Tuesday, October 20, 2009

The new Ellroy and why I like it

Man, am I loving the new Ellroy* I'm sure you're all, whatever dude, you like it, that's cool, but this really matters to me.

In the late 90s, there was no author I loved more than Ellroy. I could not get enough of him. Then I read Cold Six Thousand and I felt like my a close friend had betrayed me. The book did not work for me at all. I didn't speak of his books for years and didn't recommend them. Now the new one feels like an old, but wayward friend showing up with tickets to London to see the reunited Pavement along with a tour of Irish pubs with the Pogues. All is forgiven.

Anyway, I was trying to think of why Ellroy, Thompson, Lehane, Kerr and other authors stand out for me. It comes down to world view. Many crime writers (and nearly all adventure writers) assume that the world is basically good. Their stories tell of evil aberrations brought down by shining exemplars of good. Once vanquished, the world is returned to its rightful, cheerful, sunny state.

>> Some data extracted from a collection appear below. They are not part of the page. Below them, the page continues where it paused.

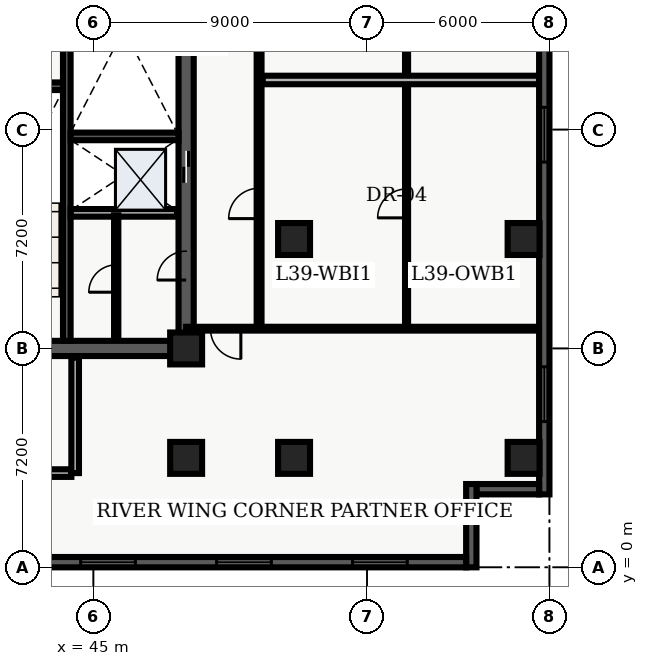
"""IFC4 building model, lengths in metres.
Left out: names, types, materials, properties, quantities, classifications, styles, units other than length and angle.
Written with IfcOpenShell. Run it as: python <this file> out.ifc"""

import sys

from ifc_helpers import new_model, entity, si_unit, converted_unit, direction, frame, origin_with_axes, origin_2d_with_axis, place, context, subcontext, project, spatial, polyline, rectangle, outline, extrude, element, fill, save


model = new_model("IFC4")
c1 = context("Model", 3, precision=1e-05, world=origin_with_axes(), true_north=direction((0.0, 1.0)))
c2 = subcontext(c1, "Body", "Model", "MODEL_VIEW")
j1 = project(units=[si_unit("LENGTHUNIT", "METRE"), converted_unit("PLANEANGLEUNIT", "DEGREE", entity("IfcPlaneAngleMeasure", 0.017), si_unit("PLANEANGLEUNIT", "RADIAN"), dimensions=[0, 0, 0, 0, 0, 0, 0])], contexts=[c1])
p1 = place(None, origin_with_axes())
s1 = spatial("IfcSite", under=j1, at=p1, CompositionType="ELEMENT")
p2 = place(p1, origin_with_axes())
s2 = spatial("IfcBuilding", under=s1, at=p2, CompositionType="ELEMENT")
p3 = place(p2, frame((0.0, 0.0, 160.2), z_axis=(0.0, 0.0, 1.0), x_axis=(1.0, 0.0, 0.0)))
s3 = spatial("IfcBuildingStorey", under=s2, at=p3, CompositionType="ELEMENT", Elevation=160.2)
p4 = place(p3, frame((40.2, 7.2, 0.0), z_axis=(0.0, 0.0, 1.0), x_axis=(1.0, 0.0, 0.0)))
e1 = element("IfcWall", 1, at=p4, inside=s3, PredefinedType="SHEAR", context=c2, shape_type="SweptSolid", body=[
    extrude(outline(polyline([(0.0, -0.25), (7.85, -0.25), (7.85, 0.25), (0.0, 0.25), (0.0, -0.25)])), origin_with_axes(), (0.0, 0.0, 1.0), 3.66),
])
p5 = place(p4, frame((2.175, 0.0, 0.0), z_axis=(0.0, 0.0, 1.0), x_axis=(1.0, 0.0, 0.0)))
e2 = element("IfcOpeningElement", 2, at=p5, cuts=e1, PredefinedType="OPENING", context=c2, shape_type="SweptSolid", body=[
    extrude(rectangle(XDim=1.05, YDim=0.52, at=origin_2d_with_axis()), origin_with_axes(), (0.0, 0.0, 1.0), 2.15),
])
p6 = place(p3, frame((48.05, 7.2, 0.0), z_axis=(0.0, 0.0, 1.0), x_axis=(0.0, 1.0, 0.0)))
e3 = element("IfcWall", 3, at=p6, inside=s3, PredefinedType="SHEAR", context=c2, shape_type="SweptSolid", body=[
    extrude(outline(polyline([(0.0, -0.25), (15.6, -0.25), (15.6, 0.25), (0.0, 0.25), (0.0, -0.25)])), origin_with_axes(), (0.0, 0.0, 1.0), 3.66),
])
p7 = place(p6, frame((5.975, 0.0, 0.0), z_axis=(0.0, 0.0, 1.0), x_axis=(1.0, 0.0, 0.0)))
e4 = element("IfcOpeningElement", 4, at=p7, cuts=e3, PredefinedType="OPENING", context=c2, shape_type="SweptSolid", body=[
    extrude(rectangle(XDim=1.05, YDim=0.52, at=origin_2d_with_axis()), origin_with_axes(), (0.0, 0.0, 1.0), 2.15),
])
p8 = place(p6, frame((2.725, 0.0, 0.0), z_axis=(0.0, 0.0, 1.0), x_axis=(1.0, 0.0, 0.0)))
e5 = element("IfcOpeningElement", 5, at=p8, cuts=e3, PredefinedType="OPENING", context=c2, shape_type="SweptSolid", body=[
    extrude(rectangle(XDim=0.95, YDim=0.52, at=origin_2d_with_axis()), origin_with_axes(), (0.0, 0.0, 1.0), 2.15),
])
p9 = place(p3, frame((44.125, 7.45, 0.0), z_axis=(0.0, 0.0, 1.0), x_axis=(0.0, 1.0, 0.0)))
e6 = element("IfcWall", 6, at=p9, inside=s3, PredefinedType="SHEAR", context=c2, shape_type="SweptSolid", body=[
    extrude(outline(polyline([(0.0, -0.125), (15.1, -0.125), (15.1, 0.125), (0.0, 0.125), (0.0, -0.125)])), origin_with_axes(), (0.0, 0.0, 1.0), 3.66),
])
for number, where, z_axis, x_axis in (
    (7, (40.45, 15.825, 0.0), (0.0, 0.0, 1.0), (1.0, 0.0, 0.0)),
    (8, (44.25, 14.175, 0.0), (0.0, 0.0, 1.0), (1.0, 0.0, 0.0)),
):
    element("IfcWall", number, at=place(p3, frame(where, z_axis=z_axis, x_axis=x_axis)), inside=s3, PredefinedType="SHEAR", context=c2, shape_type="SweptSolid", body=[
        extrude(outline(polyline([(0.0, -0.125), (3.55, -0.125), (3.55, 0.125), (0.0, 0.125), (0.0, -0.125)])), origin_with_axes(), (0.0, 0.0, 1.0), 3.66),
    ])
p10 = place(p3, frame((40.325, 3.1, 0.0), z_axis=(0.0, 0.0, 1.0), x_axis=(1.0, 0.0, 0.0)))
e9 = element("IfcWall", 9, at=p10, inside=s3, PredefinedType="SOLIDWALL", context=c2, shape_type="SweptSolid", body=[
    extrude(outline(polyline([(0.0, -0.125), (3.95, -0.125), (3.95, 0.125), (0.0, 0.125), (0.0, -0.125)])), origin_with_axes(), (0.0, 0.0, 1.0), 2.7),
])
p11 = place(p3, frame((44.4, 3.1, 0.0), z_axis=(0.0, 0.0, 1.0), x_axis=(0.0, 1.0, 0.0)))
e10 = element("IfcWall", 10, at=p11, inside=s3, PredefinedType="SOLIDWALL", context=c2, shape_type="SweptSolid", body=[
    extrude(outline(polyline([(0.0, -0.125), (3.8, -0.125), (3.8, 0.125), (0.0, 0.125), (0.0, -0.125)])), origin_with_axes(), (0.0, 0.0, 1.0), 2.7),
])
for number, where, z_axis, x_axis in (
    (11, (48.05, 3.6, 0.0), (0.0, 0.0, 1.0), (1.0, 0.0, 0.0)),
    (12, (48.05, 7.2, 0.0), (0.0, 0.0, 1.0), (1.0, 0.0, 0.0)),
    (13, (51.6, 3.6, 0.0), (0.0, 0.0, 1.0), (1.0, 0.0, 0.0)),
    (14, (51.6, 10.8, 0.0), (0.0, 0.0, 1.0), (1.0, 0.0, 0.0)),
    (15, (59.15, 3.6, 0.0), (0.0, 0.0, 1.0), (1.0, 0.0, 0.0)),
    (16, (59.15, 10.8, 0.0), (0.0, 0.0, 1.0), (1.0, 0.0, 0.0)),
):
    element("IfcColumn", number, at=place(p3, frame(where, z_axis=z_axis, x_axis=x_axis)), inside=s3, PredefinedType="COLUMN", context=c2, shape_type="SweptSolid", body=[
        extrude(rectangle(XDim=1.05, YDim=1.05, at=origin_2d_with_axis()), origin_with_axes(), (0.0, 0.0, 1.0), 3.9),
    ])
p12 = place(p3, frame((44.25, 11.66, 0.0), z_axis=(0.0, 0.0, 1.0), x_axis=(1.0, 0.0, 0.0)))
e17 = element("IfcWall", 17, at=p12, inside=s3, PredefinedType="SOLIDWALL", context=c2, shape_type="SweptSolid", body=[
    extrude(outline(polyline([(0.0, -0.125), (3.5, -0.125), (3.5, 0.125), (0.0, 0.125), (0.0, -0.125)])), origin_with_axes(), (0.0, 0.0, 1.0), 2.7),
])
p13 = place(p3, frame((45.75, 7.5, 0.0), z_axis=(0.0, 0.0, 1.0), x_axis=(0.0, 1.0, 0.0)))
e18 = element("IfcWall", 18, at=p13, inside=s3, PredefinedType="PARTITIONING", context=c2, shape_type="SweptSolid", body=[
    extrude(outline(polyline([(0.0, -0.07), (4.08, -0.07), (4.08, 0.07), (0.0, 0.07), (0.0, -0.07)])), origin_with_axes(), (0.0, 0.0, 1.0), 2.7),
])
p14 = place(p13, frame((2.0, 0.0, 0.0), z_axis=(0.0, 0.0, 1.0), x_axis=(1.0, 0.0, 0.0)))
e19 = element("IfcOpeningElement", 19, at=p14, cuts=e18, PredefinedType="OPENING", context=c2, shape_type="SweptSolid", body=[
    extrude(rectangle(XDim=0.9, YDim=0.16, at=origin_2d_with_axis()), origin_with_axes(), (0.0, 0.0, 1.0), 2.15),
])
p15 = place(p3, frame((50.45, 7.85, 0.0), z_axis=(0.0, 0.0, 1.0), x_axis=(0.0, 1.0, 0.0)))
e20 = element("IfcWall", 20, at=p15, inside=s3, PredefinedType="PARTITIONING", context=c2, shape_type="SweptSolid", body=[
    extrude(outline(polyline([(0.0, -0.08), (18.8, -0.08), (18.8, 0.08), (0.0, 0.08), (0.0, -0.08)])), origin_with_axes(), (0.0, 0.0, 1.0), 2.7),
])
p16 = place(p15, frame((4.12, 0.0, 0.0), z_axis=(0.0, 0.0, 1.0), x_axis=(1.0, 0.0, 0.0)))
e21 = element("IfcOpeningElement", 21, at=p16, cuts=e20, PredefinedType="OPENING", context=c2, shape_type="SweptSolid", body=[
    extrude(rectangle(XDim=1.0, YDim=0.18, at=origin_2d_with_axis()), origin_with_axes(), (0.0, 0.0, 1.0), 2.15),
])
p17 = place(p15, frame((13.46, 0.0, 0.0), z_axis=(0.0, 0.0, 1.0), x_axis=(1.0, 0.0, 0.0)))
e22 = element("IfcOpeningElement", 22, at=p17, cuts=e20, PredefinedType="OPENING", context=c2, shape_type="SweptSolid", body=[
    extrude(rectangle(XDim=1.0, YDim=0.18, at=origin_2d_with_axis()), origin_with_axes(), (0.0, 0.0, 1.0), 2.15),
])
p18 = place(p3, frame((59.665, 7.85, 0.0), z_axis=(0.0, 0.0, 1.0), x_axis=(-1.0, 0.0, 0.0)))
e23 = element("IfcWall", 23, at=p18, inside=s3, PredefinedType="PARTITIONING", context=c2, shape_type="SweptSolid", body=[
    extrude(outline(polyline([(0.0, -0.062), (11.615, -0.062), (11.615, 0.062), (0.0, 0.062), (0.0, -0.062)])), origin_with_axes(), (0.0, 0.0, 1.0), 2.7),
])
p19 = place(p18, frame((10.315, 0.0, 0.0), z_axis=(0.0, 0.0, 1.0), x_axis=(1.0, 0.0, 0.0)))
e24 = element("IfcOpeningElement", 24, at=p19, cuts=e23, PredefinedType="OPENING", context=c2, shape_type="SweptSolid", body=[
    extrude(rectangle(XDim=1.0, YDim=0.145, at=origin_2d_with_axis()), origin_with_axes(), (0.0, 0.0, 1.0), 2.15),
])
p20 = place(p3, frame((55.3, 7.98, 0.0), z_axis=(0.0, 0.0, 1.0), x_axis=(0.0, 1.0, 0.0)))
e25 = element("IfcWall", 25, at=p20, inside=s3, PredefinedType="PARTITIONING", context=c2, shape_type="SweptSolid", body=[
    extrude(outline(polyline([(0.0, -0.05), (18.54, -0.05), (18.54, 0.05), (0.0, 0.05), (0.0, -0.05)])), origin_with_axes(), (0.0, 0.0, 1.0), 2.7),
])
p21 = place(p20, frame((3.99, 0.0, 0.0), z_axis=(0.0, 0.0, 1.0), x_axis=(1.0, 0.0, 0.0)))
e26 = element("IfcOpeningElement", 26, at=p21, cuts=e25, PredefinedType="OPENING", context=c2, shape_type="SweptSolid", body=[
    extrude(rectangle(XDim=0.95, YDim=0.12, at=origin_2d_with_axis()), origin_with_axes(), (0.0, 0.0, 1.0), 2.15),
])
p22 = place(p20, frame((13.331, 0.0, 0.0), z_axis=(0.0, 0.0, 1.0), x_axis=(1.0, 0.0, 0.0)))
e27 = element("IfcOpeningElement", 27, at=p22, cuts=e25, PredefinedType="OPENING", context=c2, shape_type="SweptSolid", body=[
    extrude(rectangle(XDim=0.95, YDim=0.12, at=origin_2d_with_axis()), origin_with_axes(), (0.0, 0.0, 1.0), 2.15),
])
p23 = place(p3, frame((50.57, 16.031, 0.0), z_axis=(0.0, 0.0, 1.0), x_axis=(1.0, 0.0, 0.0)))
e28 = element("IfcWall", 28, at=p23, inside=s3, PredefinedType="PARTITIONING", context=c2, shape_type="SweptSolid", body=[
    extrude(outline(polyline([(0.0, -0.14), (9.095, -0.14), (9.095, 0.14), (0.0, 0.14), (0.0, -0.14)])), origin_with_axes(), (0.0, 0.0, 1.0), 2.7),
])
p24 = place(p3, frame((59.83, 26.06, 0.0), z_axis=(0.0, 0.0, 1.0), x_axis=(0.0, -1.0, 0.0)))
e29 = element("IfcWall", 29, at=p24, inside=s3, PredefinedType="SOLIDWALL", context=c2, shape_type="SweptSolid", body=[
    extrude(outline(polyline([(0.0, -0.17), (23.66, -0.17), (23.66, 0.17), (0.0, 0.17), (0.0, -0.17)])), origin_with_axes(), (0.0, 0.0, 1.0), 3.66),
])
p25 = place(p24, frame((3.696, 0.0, 0.45), z_axis=(0.0, 0.0, 1.0), x_axis=(1.0, 0.0, 0.0)))
e30 = element("IfcOpeningElement", 30, at=p25, cuts=e29, PredefinedType="OPENING", context=c2, shape_type="SweptSolid", body=[
    extrude(rectangle(XDim=1.8, YDim=0.36, at=origin_2d_with_axis()), origin_with_axes(), (0.0, 0.0, 1.0), 2.1),
])
p26 = place(p24, frame((11.83, 0.0, 0.45), z_axis=(0.0, 0.0, 1.0), x_axis=(1.0, 0.0, 0.0)))
e31 = element("IfcOpeningElement", 31, at=p26, cuts=e29, PredefinedType="OPENING", context=c2, shape_type="SweptSolid", body=[
    extrude(rectangle(XDim=1.8, YDim=0.36, at=origin_2d_with_axis()), origin_with_axes(), (0.0, 0.0, 1.0), 2.1),
])
p27 = place(p24, frame((20.364, 0.0, 0.45), z_axis=(0.0, 0.0, 1.0), x_axis=(1.0, 0.0, 0.0)))
e32 = element("IfcOpeningElement", 32, at=p27, cuts=e29, PredefinedType="OPENING", context=c2, shape_type="SweptSolid", body=[
    extrude(rectangle(XDim=1.8, YDim=0.36, at=origin_2d_with_axis()), origin_with_axes(), (0.0, 0.0, 1.0), 2.1),
])
p28 = place(p3, frame((59.66, 2.57, 0.0), z_axis=(0.0, 0.0, 1.0), x_axis=(-1.0, 0.0, 0.0)))
e33 = element("IfcWall", 33, at=p28, inside=s3, PredefinedType="SOLIDWALL", context=c2, shape_type="SweptSolid", body=[
    extrude(outline(polyline([(0.0, -0.17), (2.06, -0.17), (2.06, 0.17), (0.0, 0.17), (0.0, -0.17)])), origin_with_axes(), (0.0, 0.0, 1.0), 3.66),
])
p29 = place(p3, frame((57.43, 2.74, 0.0), z_axis=(0.0, 0.0, 1.0), x_axis=(0.0, -1.0, 0.0)))
e34 = element("IfcWall", 34, at=p29, inside=s3, PredefinedType="SOLIDWALL", context=c2, shape_type="SweptSolid", body=[
    extrude(outline(polyline([(0.0, -0.17), (2.74, -0.17), (2.74, 0.17), (0.0, 0.17), (0.0, -0.17)])), origin_with_axes(), (0.0, 0.0, 1.0), 3.66),
])
p30 = place(p3, frame((57.26, 0.17, 0.0), z_axis=(0.0, 0.0, 1.0), x_axis=(-1.0, 0.0, 0.0)))
e35 = element("IfcWall", 35, at=p30, inside=s3, PredefinedType="SOLIDWALL", context=c2, shape_type="SweptSolid", body=[
    extrude(outline(polyline([(0.0, -0.17), (54.86, -0.17), (54.86, 0.17), (0.0, 0.17), (0.0, -0.17)])), origin_with_axes(), (0.0, 0.0, 1.0), 3.66),
])
p31 = place(p30, frame((2.836, 0.0, 0.45), z_axis=(0.0, 0.0, 1.0), x_axis=(1.0, 0.0, 0.0)))
e36 = element("IfcOpeningElement", 36, at=p31, cuts=e35, PredefinedType="OPENING", context=c2, shape_type="SweptSolid", body=[
    extrude(rectangle(XDim=1.8, YDim=0.36, at=origin_2d_with_axis()), origin_with_axes(), (0.0, 0.0, 1.0), 2.1),
])
p32 = place(p30, frame((7.307, 0.0, 0.45), z_axis=(0.0, 0.0, 1.0), x_axis=(1.0, 0.0, 0.0)))
e37 = element("IfcOpeningElement", 37, at=p32, cuts=e35, PredefinedType="OPENING", context=c2, shape_type="SweptSolid", body=[
    extrude(rectangle(XDim=1.8, YDim=0.36, at=origin_2d_with_axis()), origin_with_axes(), (0.0, 0.0, 1.0), 2.1),
])
p33 = place(p30, frame((11.779, 0.0, 0.45), z_axis=(0.0, 0.0, 1.0), x_axis=(1.0, 0.0, 0.0)))
e38 = element("IfcOpeningElement", 38, at=p33, cuts=e35, PredefinedType="OPENING", context=c2, shape_type="SweptSolid", body=[
    extrude(rectangle(XDim=1.8, YDim=0.36, at=origin_2d_with_axis()), origin_with_axes(), (0.0, 0.0, 1.0), 2.1),
])
p34 = place(p30, frame((16.251, 0.0, 0.45), z_axis=(0.0, 0.0, 1.0), x_axis=(1.0, 0.0, 0.0)))
e39 = element("IfcOpeningElement", 39, at=p34, cuts=e35, PredefinedType="OPENING", context=c2, shape_type="SweptSolid", body=[
    extrude(rectangle(XDim=1.8, YDim=0.36, at=origin_2d_with_axis()), origin_with_axes(), (0.0, 0.0, 1.0), 2.1),
])
p35 = place(p30, frame((20.723, 0.0, 0.45), z_axis=(0.0, 0.0, 1.0), x_axis=(1.0, 0.0, 0.0)))
e40 = element("IfcOpeningElement", 40, at=p35, cuts=e35, PredefinedType="OPENING", context=c2, shape_type="SweptSolid", body=[
    extrude(rectangle(XDim=1.8, YDim=0.36, at=origin_2d_with_axis()), origin_with_axes(), (0.0, 0.0, 1.0), 2.1),
])
p36 = place(p30, frame((25.194, 0.0, 0.45), z_axis=(0.0, 0.0, 1.0), x_axis=(1.0, 0.0, 0.0)))
e41 = element("IfcOpeningElement", 41, at=p36, cuts=e35, PredefinedType="OPENING", context=c2, shape_type="SweptSolid", body=[
    extrude(rectangle(XDim=1.8, YDim=0.36, at=origin_2d_with_axis()), origin_with_axes(), (0.0, 0.0, 1.0), 2.1),
])
p37 = place(p30, frame((34.138, 0.0, 0.45), z_axis=(0.0, 0.0, 1.0), x_axis=(1.0, 0.0, 0.0)))
e42 = element("IfcOpeningElement", 42, at=p37, cuts=e35, PredefinedType="OPENING", context=c2, shape_type="SweptSolid", body=[
    extrude(rectangle(XDim=1.8, YDim=0.36, at=origin_2d_with_axis()), origin_with_axes(), (0.0, 0.0, 1.0), 2.1),
])
p38 = place(p30, frame((38.609, 0.0, 0.45), z_axis=(0.0, 0.0, 1.0), x_axis=(1.0, 0.0, 0.0)))
e43 = element("IfcOpeningElement", 43, at=p38, cuts=e35, PredefinedType="OPENING", context=c2, shape_type="SweptSolid", body=[
    extrude(rectangle(XDim=1.8, YDim=0.36, at=origin_2d_with_axis()), origin_with_axes(), (0.0, 0.0, 1.0), 2.1),
])
p39 = place(p30, frame((42.231, 0.0, 0.45), z_axis=(0.0, 0.0, 1.0), x_axis=(1.0, 0.0, 0.0)))
e44 = element("IfcOpeningElement", 44, at=p39, cuts=e35, PredefinedType="OPENING", context=c2, shape_type="SweptSolid", body=[
    extrude(rectangle(XDim=1.8, YDim=0.36, at=origin_2d_with_axis()), origin_with_axes(), (0.0, 0.0, 1.0), 2.1),
])
p40 = place(p30, frame((47.553, 0.0, 0.45), z_axis=(0.0, 0.0, 1.0), x_axis=(1.0, 0.0, 0.0)))
e45 = element("IfcOpeningElement", 45, at=p40, cuts=e35, PredefinedType="OPENING", context=c2, shape_type="SweptSolid", body=[
    extrude(rectangle(XDim=1.8, YDim=0.36, at=origin_2d_with_axis()), origin_with_axes(), (0.0, 0.0, 1.0), 2.1),
])
p41 = place(p30, frame((52.024, 0.0, 0.45), z_axis=(0.0, 0.0, 1.0), x_axis=(1.0, 0.0, 0.0)))
e46 = element("IfcOpeningElement", 46, at=p41, cuts=e35, PredefinedType="OPENING", context=c2, shape_type="SweptSolid", body=[
    extrude(rectangle(XDim=1.8, YDim=0.36, at=origin_2d_with_axis()), origin_with_axes(), (0.0, 0.0, 1.0), 2.1),
])
p42 = place(p6, frame((5.975, 0.0, 0.0), z_axis=(0.0, 0.0, 1.0), x_axis=(1.0, 0.0, 0.0)))
e47 = element("IfcDoor", 47, at=p42, inside=s3, OperationType="SLIDING_TO_LEFT", PredefinedType="DOOR", context=c2, shape_type="SweptSolid", body=[
    extrude(rectangle(XDim=1.05, YDim=0.09, at=origin_2d_with_axis()), origin_with_axes(), (0.0, 0.0, 1.0), 2.15),
])
fill(e4, e47)
p43 = place(p13, frame((2.0, 0.0, 0.0), z_axis=(0.0, 0.0, 1.0), x_axis=(1.0, 0.0, 0.0)))
e48 = element("IfcDoor", 48, at=p43, inside=s3, OperationType="SINGLE_SWING_LEFT", PredefinedType="DOOR", context=c2, shape_type="SweptSolid", body=[
    extrude(rectangle(XDim=0.9, YDim=0.084, at=origin_2d_with_axis()), origin_with_axes(), (0.0, 0.0, 1.0), 2.15),
])
fill(e19, e48)
p44 = place(p6, frame((2.725, 0.0, 0.0), z_axis=(0.0, 0.0, 1.0), x_axis=(1.0, 0.0, 0.0)))
e49 = element("IfcDoor", 49, at=p44, inside=s3, OperationType="SINGLE_SWING_LEFT", PredefinedType="DOOR", context=c2, shape_type="SweptSolid", body=[
    extrude(rectangle(XDim=0.95, YDim=0.09, at=origin_2d_with_axis()), origin_with_axes(), (0.0, 0.0, 1.0), 2.15),
])
fill(e5, e49)
p45 = place(p18, frame((10.315, 0.0, 0.0), z_axis=(0.0, 0.0, 1.0), x_axis=(1.0, 0.0, 0.0)))
e50 = element("IfcDoor", 50, at=p45, inside=s3, OperationType="SINGLE_SWING_LEFT", PredefinedType="DOOR", context=c2, shape_type="SweptSolid", body=[
    extrude(rectangle(XDim=1.0, YDim=0.075, at=origin_2d_with_axis()), origin_with_axes(), (0.0, 0.0, 1.0), 2.15),
])
fill(e24, e50)
p46 = place(p20, frame((3.99, 0.0, 0.0), z_axis=(0.0, 0.0, 1.0), x_axis=(1.0, 0.0, 0.0)))
e51 = element("IfcDoor", 51, at=p46, inside=s3, OperationType="SINGLE_SWING_LEFT", PredefinedType="DOOR", context=c2, shape_type="SweptSolid", body=[
    extrude(rectangle(XDim=0.95, YDim=0.06, at=origin_2d_with_axis()), origin_with_axes(), (0.0, 0.0, 1.0), 2.15),
])
fill(e26, e51)
p47 = place(p15, frame((4.12, 0.0, 0.0), z_axis=(0.0, 0.0, 1.0), x_axis=(1.0, 0.0, 0.0)))
e52 = element("IfcDoor", 52, at=p47, inside=s3, OperationType="SINGLE_SWING_LEFT", PredefinedType="DOOR", context=c2, shape_type="SweptSolid", body=[
    extrude(rectangle(XDim=1.0, YDim=0.09, at=origin_2d_with_axis()), origin_with_axes(), (0.0, 0.0, 1.0), 2.15),
])
fill(e21, e52)
p48 = place(p24, frame((11.83, 0.0, 0.45), z_axis=(0.0, 0.0, 1.0), x_axis=(1.0, 0.0, 0.0)))
e53 = element("IfcWindow", 53, at=p48, inside=s3, PredefinedType="WINDOW", context=c2, shape_type="SweptSolid", body=[
    extrude(rectangle(XDim=1.8, YDim=0.09, at=origin_2d_with_axis()), origin_with_axes(), (0.0, 0.0, 1.0), 2.1),
])
fill(e31, e53)
p49 = place(p24, frame((20.364, 0.0, 0.45), z_axis=(0.0, 0.0, 1.0), x_axis=(1.0, 0.0, 0.0)))
e54 = element("IfcWindow", 54, at=p49, inside=s3, PredefinedType="WINDOW", context=c2, shape_type="SweptSolid", body=[
    extrude(rectangle(XDim=1.8, YDim=0.09, at=origin_2d_with_axis()), origin_with_axes(), (0.0, 0.0, 1.0), 2.1),
])
fill(e32, e54)
p50 = place(p30, frame((2.836, 0.0, 0.45), z_axis=(0.0, 0.0, 1.0), x_axis=(1.0, 0.0, 0.0)))
e55 = element("IfcWindow", 55, at=p50, inside=s3, PredefinedType="WINDOW", context=c2, shape_type="SweptSolid", body=[
    extrude(rectangle(XDim=1.8, YDim=0.09, at=origin_2d_with_axis()), origin_with_axes(), (0.0, 0.0, 1.0), 2.1),
])
fill(e36, e55)
p51 = place(p30, frame((7.307, 0.0, 0.45), z_axis=(0.0, 0.0, 1.0), x_axis=(1.0, 0.0, 0.0)))
e56 = element("IfcWindow", 56, at=p51, inside=s3, PredefinedType="WINDOW", context=c2, shape_type="SweptSolid", body=[
    extrude(rectangle(XDim=1.8, YDim=0.09, at=origin_2d_with_axis()), origin_with_axes(), (0.0, 0.0, 1.0), 2.1),
])
fill(e37, e56)
p52 = place(p30, frame((11.779, 0.0, 0.45), z_axis=(0.0, 0.0, 1.0), x_axis=(1.0, 0.0, 0.0)))
e57 = element("IfcWindow", 57, at=p52, inside=s3, PredefinedType="WINDOW", context=c2, shape_type="SweptSolid", body=[
    extrude(rectangle(XDim=1.8, YDim=0.09, at=origin_2d_with_axis()), origin_with_axes(), (0.0, 0.0, 1.0), 2.1),
])
fill(e38, e57)
save(model, sys.argv[1])

Not so for our Ellroy and his ideological brethren. In their novels, the world is evil. The power structure exists to extract, exploit and exterminate, all the while proclaiming its goodness. The heroes in these books are damaged people who rise above their baser instincts and carve some out some small victory, often at terrible cost.

The treatment of violence in these books is markedly different. In the sunny novels, an act of violence by the hero is normally clean, and shaming. He won't be sadistic or attempt to levy justice. Violence is clearly the wrong path in these books. In the darker books, violence is righteous, cathartic and, in its own way, uplifting. The philosophy underlying these books is that some people need a beatdown and the books give us that beatdown.

The best books of the dark side nearly always have some moment where violence is meted out to those who deserve it. The scene in LA Confidential where Bud wrecks the crooked lawyer is an example. Joe Lansdale has a patient man taking an axe handle to a pair of racist fucks. Dennis Lehane's Prayer for Rain has a notable suggested beat down that had me smarting. Deep down, there is a part of us that wants to

The subtext is that the world is terrible and we can't really hope to change it, but we can make some of the jackals and vampires pay, and pay dearly. The funny thing is, for the most part I am an optimist and think most things are just peachy. When I see that view reflected in fiction, it seems mawkish and foolish, and I recoil. Some deeper part of me suspects that the world is not as nice as I hope.